Udowadnia Boga jako litościwego, miłosiernego i tolerancyjnego, a źródłem wszelkiego zła jest tylko człowiek. Te cenne refleksje dają czytelnikowi wiele do myślenia, ponieważ pozwalają mieć nadzieję na łaskę.
Oprócz rozważań nad boską egzystencją znajdujemy w "Niewyjaśnionych tajemnicach" różne oblicza miłości objawiającej się w nieustającym pragnieniu posiadania potomstwa. Jest to więc miłość zarówno matczyna, jak i zwykła, czysto fizyczna prowadząca do bliskości, a przez innych pojmowana jako grzeszna, ponieważ nie mieści się w biblijnym rozumieniu samego aktu. W tym miejscu należy podkreślić fakt, że na uwagę zasługują przepięknie rozpisane sceny kobiecej bliskości, która nie jest – jak w wielu współczesnych książkach – ani odrażająca, ani wulgarna, ani nawet nachalna.

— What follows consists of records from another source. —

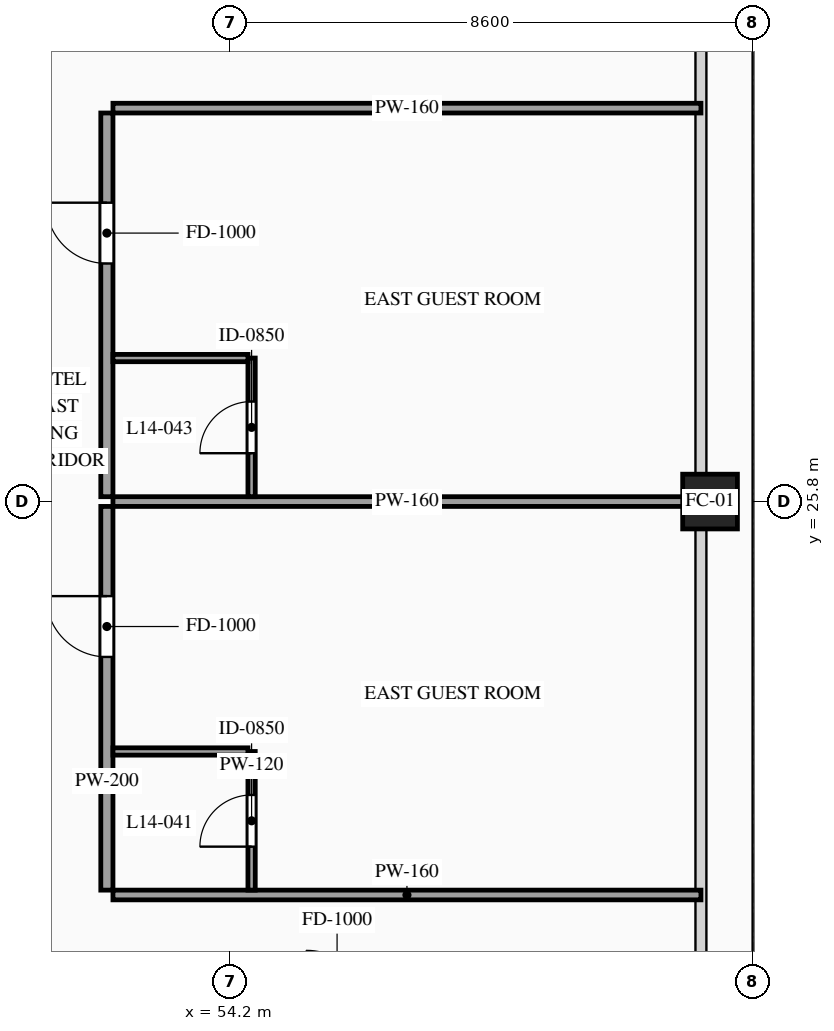
"""IFC4 building model, lengths in metres.
Left out: names, types, materials, properties, quantities, classifications, styles, units other than length and angle.
Written with IfcOpenShell. Run it as: python <this file> out.ifc"""

import sys

from ifc_helpers import new_model, si_unit, direction, frame, frame_2d, origin, origin_2d, place, context, subcontext, project, spatial, rectangle, hollow_rectangle, extrude, source, transform, mapped, element, fill, save


model = new_model("IFC4")
c1 = context("Model", 3, precision=1e-05, world=origin(), true_north=direction((0.0, 1.0)))
c2 = subcontext(c1, "Body", "Model", "MODEL_VIEW")
j1 = project(units=[si_unit("LENGTHUNIT", "METRE"), si_unit("PLANEANGLEUNIT", "RADIAN")], contexts=[c1])
p1 = place(None, origin())
s1 = spatial("IfcSite", under=j1, at=p1, CompositionType="ELEMENT")
p2 = place(p1, origin())
s2 = spatial("IfcBuilding", under=s1, at=p2, CompositionType="ELEMENT")
p3 = place(p2, frame((0.0, 0.0, 56.8)))
s3 = spatial("IfcBuildingStorey", under=s2, at=p3, CompositionType="ELEMENT", Elevation=56.8)
m1 = source(origin(), c2, "Body", "SweptSolid", [
    extrude(hollow_rectangle(XDim=0.9, YDim=0.9, WallThickness=0.042, at=origin_2d()), origin(), (0.0, 0.0, 1.0), 3.6),
])
p4 = place(p3, frame((62.1, 25.8, 0.0), z_axis=(0.0, 0.0, 1.0), x_axis=(1.0, 0.0, 0.0)))
e1 = element("IfcColumn", 1, at=p4, inside=s3, PredefinedType="COLUMN", context=c2, shape_type="MappedRepresentation", body=[
    mapped(m1, transform((0.0, 0.0, 0.0), scale=1.0)),
])
p5 = place(p3, frame((52.18, 19.41, 0.0), z_axis=(0.0, 0.0, 1.0), x_axis=(0.0, 1.0, 0.0)))
e2 = element("IfcWall", 2, at=p5, inside=s3, PredefinedType="PARTITIONING", context=c2, shape_type="SweptSolid", body=[
    extrude(rectangle(XDim=6.31, YDim=0.2, at=frame_2d((3.155, 0.0))), origin(), (0.0, 0.0, 1.0), 3.38),
])
p6 = place(p5, frame((3.835, 0.0, 0.0)))
e3 = element("IfcOpeningElement", 3, at=p6, cuts=e2, PredefinedType="OPENING", context=c2, shape_type="SweptSolid", body=[
    extrude(rectangle(XDim=1.0, YDim=2.2, at=frame_2d((0.5, 1.1))), frame((0.0, 0.115, 0.0), z_axis=(0.0, -1.0, 0.0), x_axis=(1.0, 0.0, 0.0)), (0.0, 0.0, 1.0), 0.23),
])
m2 = source(origin(), c2, "Body", "SweptSolid", [
    extrude(rectangle(XDim=9.67, YDim=0.16, at=frame_2d((4.835, 0.0))), origin(), (0.0, 0.0, 1.0), 2.575),
])
p7 = place(p3, frame((52.28, 25.8, 0.0), z_axis=(0.0, 0.0, 1.0), x_axis=(1.0, 0.0, 0.0)))
e4 = element("IfcWall", 4, at=p7, inside=s3, PredefinedType="PARTITIONING", context=c2, shape_type="MappedRepresentation", body=[
    mapped(m2, transform((0.0, 0.0, 0.0), scale=1.0)),
])
m3 = source(origin(), c2, "Body", "SweptSolid", [
    extrude(rectangle(XDim=9.67, YDim=0.16, at=frame_2d((4.835, 0.0))), origin(), (0.0, 0.0, 1.0), 2.875),
])
p8 = place(p3, frame((52.28, 19.33, 0.0), z_axis=(0.0, 0.0, 1.0), x_axis=(1.0, 0.0, 0.0)))
e5 = element("IfcWall", 5, at=p8, inside=s3, PredefinedType="PARTITIONING", context=c2, shape_type="MappedRepresentation", body=[
    mapped(m3, transform((0.0, 0.0, 0.0), scale=1.0)),
])
p9 = place(p3, frame((54.56, 19.41, 0.0), z_axis=(0.0, 0.0, 1.0), x_axis=(0.0, 1.0, 0.0)))
e6 = element("IfcWall", 6, at=p9, inside=s3, PredefinedType="PARTITIONING", context=c2, shape_type="SweptSolid", body=[
    extrude(rectangle(XDim=2.28, YDim=0.12, at=frame_2d((1.14, 0.0))), origin(), (0.0, 0.0, 1.0), 3.38),
])
p10 = place(p9, frame((0.715, 0.0, 0.0)))
e7 = element("IfcOpeningElement", 7, at=p10, cuts=e6, PredefinedType="OPENING", context=c2, shape_type="SweptSolid", body=[
    extrude(rectangle(XDim=0.85, YDim=2.1, at=frame_2d((0.425, 1.05))), frame((0.0, 0.075, 0.0), z_axis=(0.0, -1.0, 0.0), x_axis=(1.0, 0.0, 0.0)), (0.0, 0.0, 1.0), 0.15),
])
m4 = source(origin(), c2, "Body", "SweptSolid", [
    extrude(rectangle(XDim=2.22, YDim=0.12, at=frame_2d((1.11, 0.0))), origin(), (0.0, 0.0, 1.0), 3.38),
])
p11 = place(p3, frame((52.28, 21.69, 0.0), z_axis=(0.0, 0.0, 1.0), x_axis=(1.0, 0.0, 0.0)))
e8 = element("IfcWall", 8, at=p11, inside=s3, PredefinedType="PARTITIONING", context=c2, shape_type="MappedRepresentation", body=[
    mapped(m4, transform((0.0, 0.0, 0.0), scale=1.0)),
])
p12 = place(p3, frame((52.18, 25.88, 0.0), z_axis=(0.0, 0.0, 1.0), x_axis=(0.0, 1.0, 0.0)))
e9 = element("IfcWall", 9, at=p12, inside=s3, PredefinedType="PARTITIONING", context=c2, shape_type="SweptSolid", body=[
    extrude(rectangle(XDim=6.31, YDim=0.2, at=frame_2d((3.155, 0.0))), origin(), (0.0, 0.0, 1.0), 3.38),
])
p13 = place(p12, frame((3.835, 0.0, 0.0)))
e10 = element("IfcOpeningElement", 10, at=p13, cuts=e9, PredefinedType="OPENING", context=c2, shape_type="SweptSolid", body=[
    extrude(rectangle(XDim=1.0, YDim=2.2, at=frame_2d((0.5, 1.1))), frame((0.0, 0.115, 0.0), z_axis=(0.0, -1.0, 0.0), x_axis=(1.0, 0.0, 0.0)), (0.0, 0.0, 1.0), 0.23),
])
p14 = place(p3, frame((52.28, 32.27, 0.0), z_axis=(0.0, 0.0, 1.0), x_axis=(1.0, 0.0, 0.0)))
e11 = element("IfcWall", 11, at=p14, inside=s3, PredefinedType="PARTITIONING", context=c2, shape_type="MappedRepresentation", body=[
    mapped(m3, transform((0.0, 0.0, 0.0), scale=1.0)),
])
p15 = place(p3, frame((54.56, 25.88, 0.0), z_axis=(0.0, 0.0, 1.0), x_axis=(0.0, 1.0, 0.0)))
e12 = element("IfcWall", 12, at=p15, inside=s3, PredefinedType="PARTITIONING", context=c2, shape_type="SweptSolid", body=[
    extrude(rectangle(XDim=2.28, YDim=0.12, at=frame_2d((1.14, 0.0))), origin(), (0.0, 0.0, 1.0), 3.38),
])
p16 = place(p15, frame((0.715, 0.0, 0.0)))
e13 = element("IfcOpeningElement", 13, at=p16, cuts=e12, PredefinedType="OPENING", context=c2, shape_type="SweptSolid", body=[
    extrude(rectangle(XDim=0.85, YDim=2.1, at=frame_2d((0.425, 1.05))), frame((0.0, 0.075, 0.0), z_axis=(0.0, -1.0, 0.0), x_axis=(1.0, 0.0, 0.0)), (0.0, 0.0, 1.0), 0.15),
])
p17 = place(p3, frame((52.28, 28.16, 0.0), z_axis=(0.0, 0.0, 1.0), x_axis=(1.0, 0.0, 0.0)))
e14 = element("IfcWall", 14, at=p17, inside=s3, PredefinedType="PARTITIONING", context=c2, shape_type="MappedRepresentation", body=[
    mapped(m4, transform((0.0, 0.0, 0.0), scale=1.0)),
])
m5 = source(origin(), c2, "Body", "SweptSolid", [
    extrude(rectangle(XDim=1.0, YDim=2.2, at=frame_2d((0.5, 1.1))), frame((0.0, 0.025, 0.0), z_axis=(0.0, -1.0, 0.0), x_axis=(1.0, 0.0, 0.0)), (0.0, 0.0, 1.0), 0.05),
])
p18 = place(p6, origin())
e15 = element("IfcDoor", 15, at=p18, inside=s3, OperationType="SINGLE_SWING_RIGHT", PredefinedType="DOOR", context=c2, shape_type="MappedRepresentation", body=[
    mapped(m5, transform((0.0, 0.0, 0.0), scale=1.0)),
])
fill(e3, e15)
m6 = source(origin(), c2, "Body", "SweptSolid", [
    extrude(rectangle(XDim=0.85, YDim=2.1, at=frame_2d((0.425, 1.05))), frame((0.0, 0.025, 0.0), z_axis=(0.0, -1.0, 0.0), x_axis=(1.0, 0.0, 0.0)), (0.0, 0.0, 1.0), 0.05),
])
p19 = place(p10, origin())
e16 = element("IfcDoor", 16, at=p19, inside=s3, OperationType="SINGLE_SWING_LEFT", PredefinedType="DOOR", context=c2, shape_type="MappedRepresentation", body=[
    mapped(m6, transform((0.0, 0.0, 0.0), scale=1.0)),
])
fill(e7, e16)
p20 = place(p13, origin())
e17 = element("IfcDoor", 17, at=p20, inside=s3, OperationType="SINGLE_SWING_RIGHT", PredefinedType="DOOR", context=c2, shape_type="MappedRepresentation", body=[
    mapped(m5, transform((0.0, 0.0, 0.0), scale=1.0)),
])
fill(e10, e17)
p21 = place(p16, origin())
e18 = element("IfcDoor", 18, at=p21, inside=s3, OperationType="SINGLE_SWING_LEFT", PredefinedType="DOOR", context=c2, shape_type="MappedRepresentation", body=[
    mapped(m6, transform((0.0, 0.0, 0.0), scale=1.0)),
])
fill(e13, e18)
save(model, sys.argv[1])

"Niewyjaśnione tajemnice" to emocje, niespełnione pragnienia, potrzeba bycia człowiekiem. Uwspółcześnione problemy wcale nie zniknęły, one nadal trwają i trwać będą. Ludzie bowiem pozostają głusi na krzywdę ludzką czy tolerancję, a swoje zachowanie tłumaczą religijnością. Chętnie za to oceniają, wymierzają karę czy piętnują. Drażni ich wszystko, co nie wpisuje się w schemat myślowy. Mają własną definicję miłości, wiary oraz życia. Kto się wyłamie, natychmiast zostaje wykluczony.
Język powieści bynajmniej nie jest słodkobudyniowy. Autor potrafi dosadnie sprzeciwić się złu, wszelkiej nieprawości czy piętnować zachowanie w sposób dla siebie właściwy, a jednocześnie nie obraża czytelnika. Powieść zaskakuje szczególnie swym zakończeniem, daje do myślenia. Natomiast bohaterowie są prawdziwi, autentyczni w przeżywaniu swoich emocji. Nakazują nam żyć i niczego nie żałować, ponieważ kiedyś i tak każdy z nas umrze. To jedyna niepodważalna prawda.